Antimicrobial efficacy of gaseous chlorine dioxide against Salmonella enterica Typhimurium on grape tomato (Lycopersicon esculentum)

The aim of this study was to investigate the effects of gas level and treatment condition on antimicrobial efficacy of ClO₂ gas against Salmonella enterica Typhimurium on grape tomato (Lycopersicon esculentum). Grape tomatoes were dip‐inoculated with inoculum of S. enterica Typhimurium TISTR 292 (ATCC 13311) (9.79 ± 0.39 log CFU mL^?1) and allowed to dry before treatments.

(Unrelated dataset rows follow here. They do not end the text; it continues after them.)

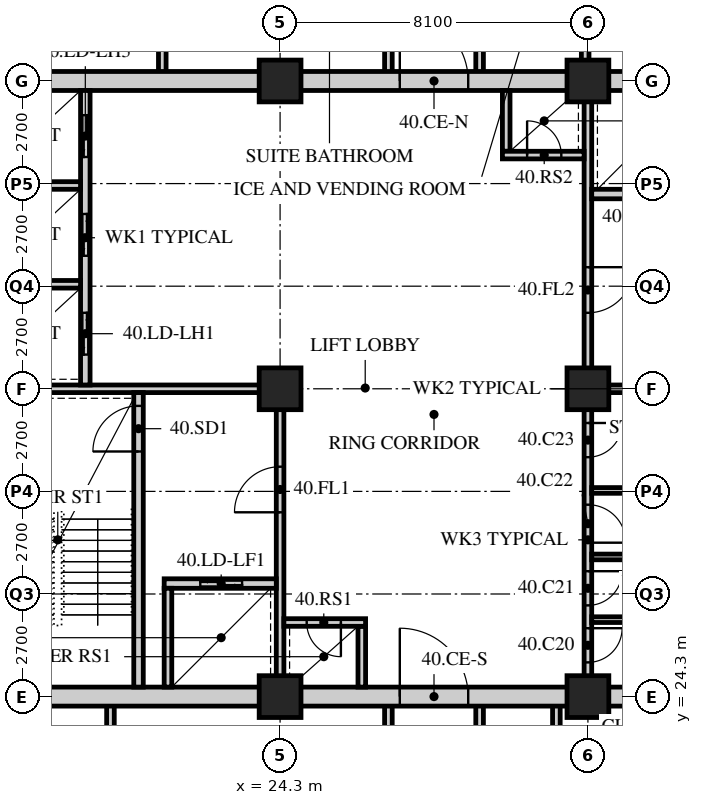
"""IFC4 building model, lengths in metres.
Left out: names, types, materials, properties, quantities, classifications, styles, units other than length and angle.
Written with IfcOpenShell. Run it as: python <this file> out.ifc"""

import sys

from ifc_helpers import new_model, si_unit, direction, frame, frame_2d, origin, origin_2d, place, context, subcontext, project, spatial, rectangle, hollow_rectangle, extrude, element, fill, save


model = new_model("IFC4")
c1 = context("Model", 3, precision=1e-05, world=origin(), true_north=direction((0.0, 1.0)))
c2 = subcontext(c1, "Body", "Model", "MODEL_VIEW")
j1 = project(units=[si_unit("LENGTHUNIT", "METRE"), si_unit("PLANEANGLEUNIT", "RADIAN")], contexts=[c1])
p1 = place(None, origin())
s1 = spatial("IfcSite", under=j1, at=p1, CompositionType="ELEMENT")
p2 = place(p1, origin())
s2 = spatial("IfcBuilding", under=s1, at=p2, CompositionType="ELEMENT")
p3 = place(p2, frame((0.0, 0.0, 154.4)))
s3 = spatial("IfcBuildingStorey", under=s2, at=p3, CompositionType="ELEMENT", Elevation=154.4)
for number, where, z_axis, x_axis in (
    (1, (24.3, 24.3, 0.0), (0.0, 0.0, 1.0), (1.0, 0.0, 0.0)),
    (2, (24.3, 32.4, 0.0), (0.0, 0.0, 1.0), (1.0, 0.0, 0.0)),
    (3, (24.3, 40.5, 0.0), (0.0, 0.0, 1.0), (1.0, 0.0, 0.0)),
    (4, (32.4, 24.3, 0.0), (0.0, 0.0, 1.0), (1.0, 0.0, 0.0)),
    (5, (32.4, 32.4, 0.0), (0.0, 0.0, 1.0), (1.0, 0.0, 0.0)),
    (6, (32.4, 40.5, 0.0), (0.0, 0.0, 1.0), (1.0, 0.0, 0.0)),
):
    element("IfcColumn", number, at=place(p3, frame(where, z_axis=z_axis, x_axis=x_axis)), inside=s3, PredefinedType="COLUMN", context=c2, shape_type="SweptSolid", body=[
        extrude(hollow_rectangle(XDim=1.1, YDim=1.1, WallThickness=0.1, at=origin_2d()), origin(), (0.0, 0.0, 1.0), 3.4),
    ])
for number, where, z_axis, x_axis in (
    (7, (19.836, 19.35, 0.0), (0.0, 0.0, 1.0), (0.0, 1.0, 0.0)),
    (8, (31.57, 19.35, 0.0), (0.0, 0.0, 1.0), (0.0, 1.0, 0.0)),
    (9, (27.15, 19.35, 0.0), (0.0, 0.0, 1.0), (0.0, 1.0, 0.0)),
    (10, (29.55, 19.35, 0.0), (0.0, 0.0, 1.0), (0.0, 1.0, 0.0)),
):
    element("IfcWall", number, at=place(p3, frame(where, z_axis=z_axis, x_axis=x_axis)), inside=s3, PredefinedType="SOLIDWALL", context=c2, shape_type="SweptSolid", body=[
        extrude(rectangle(XDim=4.95, YDim=0.2, at=frame_2d((2.475, 0.0))), origin(), (0.0, 0.0, 1.0), 3.15),
    ])
p4 = place(p3, frame((21.2, 44.1, 0.0), z_axis=(0.0, 0.0, 1.0), x_axis=(0.0, -1.0, 0.0)))
e11 = element("IfcWall", 11, at=p4, inside=s3, PredefinedType="SOLIDWALL", context=c2, shape_type="SweptSolid", body=[
    extrude(rectangle(XDim=3.6, YDim=0.2, at=frame_2d((1.8, 0.0))), origin(), (0.0, 0.0, 1.0), 3.15),
])
p5 = place(p3, frame((32.328, 44.1, 0.0), z_axis=(0.0, 0.0, 1.0), x_axis=(0.0, -1.0, 0.0)))
e12 = element("IfcWall", 12, at=p5, inside=s3, PredefinedType="SOLIDWALL", context=c2, shape_type="SweptSolid", body=[
    extrude(rectangle(XDim=3.6, YDim=0.2, at=frame_2d((1.8, 0.0))), origin(), (0.0, 0.0, 1.0), 2.15),
])
for number, where, z_axis, x_axis in (
    (13, (27.15, 40.5, 0.0), (0.0, 0.0, 1.0), (0.0, 1.0, 0.0)),
    (14, (29.55, 40.5, 0.0), (0.0, 0.0, 1.0), (0.0, 1.0, 0.0)),
):
    element("IfcWall", number, at=place(p3, frame(where, z_axis=z_axis, x_axis=x_axis)), inside=s3, PredefinedType="SOLIDWALL", context=c2, shape_type="SweptSolid", body=[
        extrude(rectangle(XDim=3.6, YDim=0.2, at=frame_2d((1.8, 0.0))), origin(), (0.0, 0.0, 1.0), 3.15),
    ])
p6 = place(p3, frame((15.95, 24.3, 0.0), z_axis=(0.0, 0.0, 1.0), x_axis=(1.0, 0.0, 0.0)))
e15 = element("IfcWall", 15, at=p6, inside=s3, PredefinedType="SOLIDWALL", context=c2, shape_type="SweptSolid", body=[
    extrude(rectangle(XDim=8.35, YDim=0.5, at=frame_2d((4.175, 0.0))), origin(), (0.0, 0.0, 1.0), 2.38),
])
p7 = place(p3, frame((24.3, 24.3, 0.0), z_axis=(0.0, 0.0, 1.0), x_axis=(1.0, 0.0, 0.0)))
e16 = element("IfcWall", 16, at=p7, inside=s3, PredefinedType="SOLIDWALL", context=c2, shape_type="SweptSolid", body=[
    extrude(rectangle(XDim=8.1, YDim=0.5, at=frame_2d((4.05, 0.0))), origin(), (0.0, 0.0, 1.0), 2.5),
])
p8 = place(p7, frame((3.15, 0.0, 0.0)))
e17 = element("IfcOpeningElement", 17, at=p8, cuts=e16, PredefinedType="OPENING", context=c2, shape_type="SweptSolid", body=[
    extrude(rectangle(XDim=1.8, YDim=2.4, at=frame_2d((0.9, 1.2))), frame((0.0, 0.26, 0.0), z_axis=(0.0, -1.0, 0.0), x_axis=(1.0, 0.0, 0.0)), (0.0, 0.0, 1.0), 0.52),
])
for number, where, z_axis, x_axis in (
    (18, (32.4, 24.3, 0.0), (0.0, 0.0, 1.0), (1.0, 0.0, 0.0)),
    (19, (15.95, 40.5, 0.0), (0.0, 0.0, 1.0), (1.0, 0.0, 0.0)),
):
    element("IfcWall", number, at=place(p3, frame(where, z_axis=z_axis, x_axis=x_axis)), inside=s3, PredefinedType="SOLIDWALL", context=c2, shape_type="SweptSolid", body=[
        extrude(rectangle(XDim=8.35, YDim=0.5, at=frame_2d((4.175, 0.0))), origin(), (0.0, 0.0, 1.0), 2.38),
    ])
p9 = place(p3, frame((24.3, 40.5, 0.0), z_axis=(0.0, 0.0, 1.0), x_axis=(1.0, 0.0, 0.0)))
e20 = element("IfcWall", 20, at=p9, inside=s3, PredefinedType="SOLIDWALL", context=c2, shape_type="SweptSolid", body=[
    extrude(rectangle(XDim=8.1, YDim=0.5, at=frame_2d((4.05, 0.0))), origin(), (0.0, 0.0, 1.0), 2.5),
])
p10 = place(p9, frame((3.15, 0.0, 0.0)))
e21 = element("IfcOpeningElement", 21, at=p10, cuts=e20, PredefinedType="OPENING", context=c2, shape_type="SweptSolid", body=[
    extrude(rectangle(XDim=1.8, YDim=2.4, at=frame_2d((0.9, 1.2))), frame((0.0, 0.26, 0.0), z_axis=(0.0, -1.0, 0.0), x_axis=(1.0, 0.0, 0.0)), (0.0, 0.0, 1.0), 0.52),
])
p11 = place(p3, frame((32.4, 40.5, 0.0), z_axis=(0.0, 0.0, 1.0), x_axis=(1.0, 0.0, 0.0)))
e22 = element("IfcWall", 22, at=p11, inside=s3, PredefinedType="SOLIDWALL", context=c2, shape_type="SweptSolid", body=[
    extrude(rectangle(XDim=8.35, YDim=0.5, at=frame_2d((4.175, 0.0))), origin(), (0.0, 0.0, 1.0), 2.38),
])
p12 = place(p3, frame((16.45, 32.4, 0.0), z_axis=(0.0, 0.0, 1.0), x_axis=(1.0, 0.0, 0.0)))
e23 = element("IfcWall", 23, at=p12, inside=s3, PredefinedType="SOLIDWALL", context=c2, shape_type="SweptSolid", body=[
    extrude(rectangle(XDim=7.95, YDim=0.2, at=frame_2d((3.975, 0.0))), origin(), (0.0, 0.0, 1.0), 2.388),
])
p13 = place(p3, frame((24.3, 24.55, 0.0), z_axis=(0.0, 0.0, 1.0), x_axis=(0.0, 1.0, 0.0)))
e24 = element("IfcWall", 24, at=p13, inside=s3, PredefinedType="SOLIDWALL", context=c2, shape_type="SweptSolid", body=[
    extrude(rectangle(XDim=7.75, YDim=0.2, at=frame_2d((3.875, 0.0))), origin(), (0.0, 0.0, 1.0), 2.388),
])
p14 = place(p13, frame((4.6, 0.0, 0.0)))
e25 = element("IfcOpeningElement", 25, at=p14, cuts=e24, PredefinedType="OPENING", context=c2, shape_type="SweptSolid", body=[
    extrude(rectangle(XDim=1.2, YDim=2.1, at=frame_2d((0.6, 1.05))), frame((0.0, 0.11, 0.0), z_axis=(0.0, -1.0, 0.0), x_axis=(1.0, 0.0, 0.0)), (0.0, 0.0, 1.0), 0.22),
])
p15 = place(p3, frame((20.575, 24.55, 0.0), z_axis=(0.0, 0.0, 1.0), x_axis=(0.0, 1.0, 0.0)))
e26 = element("IfcWall", 26, at=p15, inside=s3, PredefinedType="SOLIDWALL", context=c2, shape_type="SweptSolid", body=[
    extrude(rectangle(XDim=7.75, YDim=0.25, at=frame_2d((3.875, 0.0))), origin(), (0.0, 0.0, 1.0), 3.15),
])
p16 = place(p15, frame((6.2, 0.0, 0.0)))
e27 = element("IfcOpeningElement", 27, at=p16, cuts=e26, PredefinedType="OPENING", context=c2, shape_type="SweptSolid", body=[
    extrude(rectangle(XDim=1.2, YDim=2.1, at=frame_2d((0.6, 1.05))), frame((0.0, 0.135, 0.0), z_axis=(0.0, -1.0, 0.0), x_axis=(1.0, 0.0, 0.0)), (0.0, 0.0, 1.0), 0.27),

The pre‐inoculated samples were exposed to 0.15–0.85 mg of ClO₂ gas, for up to 58 min. The treatments at 4 and 25 °C resulted in population reductions of S. enterica Typhimurium of up to 3.95 ± 0.22 and 7.37 ± 0.39 log CFU per fruit, respectively. The population reduction results were used to construct statistical models to predict efficacy of ClO₂ gas. The second‐order equations for treatments at 4 and 25 °C had R² of 0.87 and 0.95, respectively, and indicated that efficacy of ClO₂ gas was significantly influenced by ClO₂ gas level, exposure time and treatment temperature.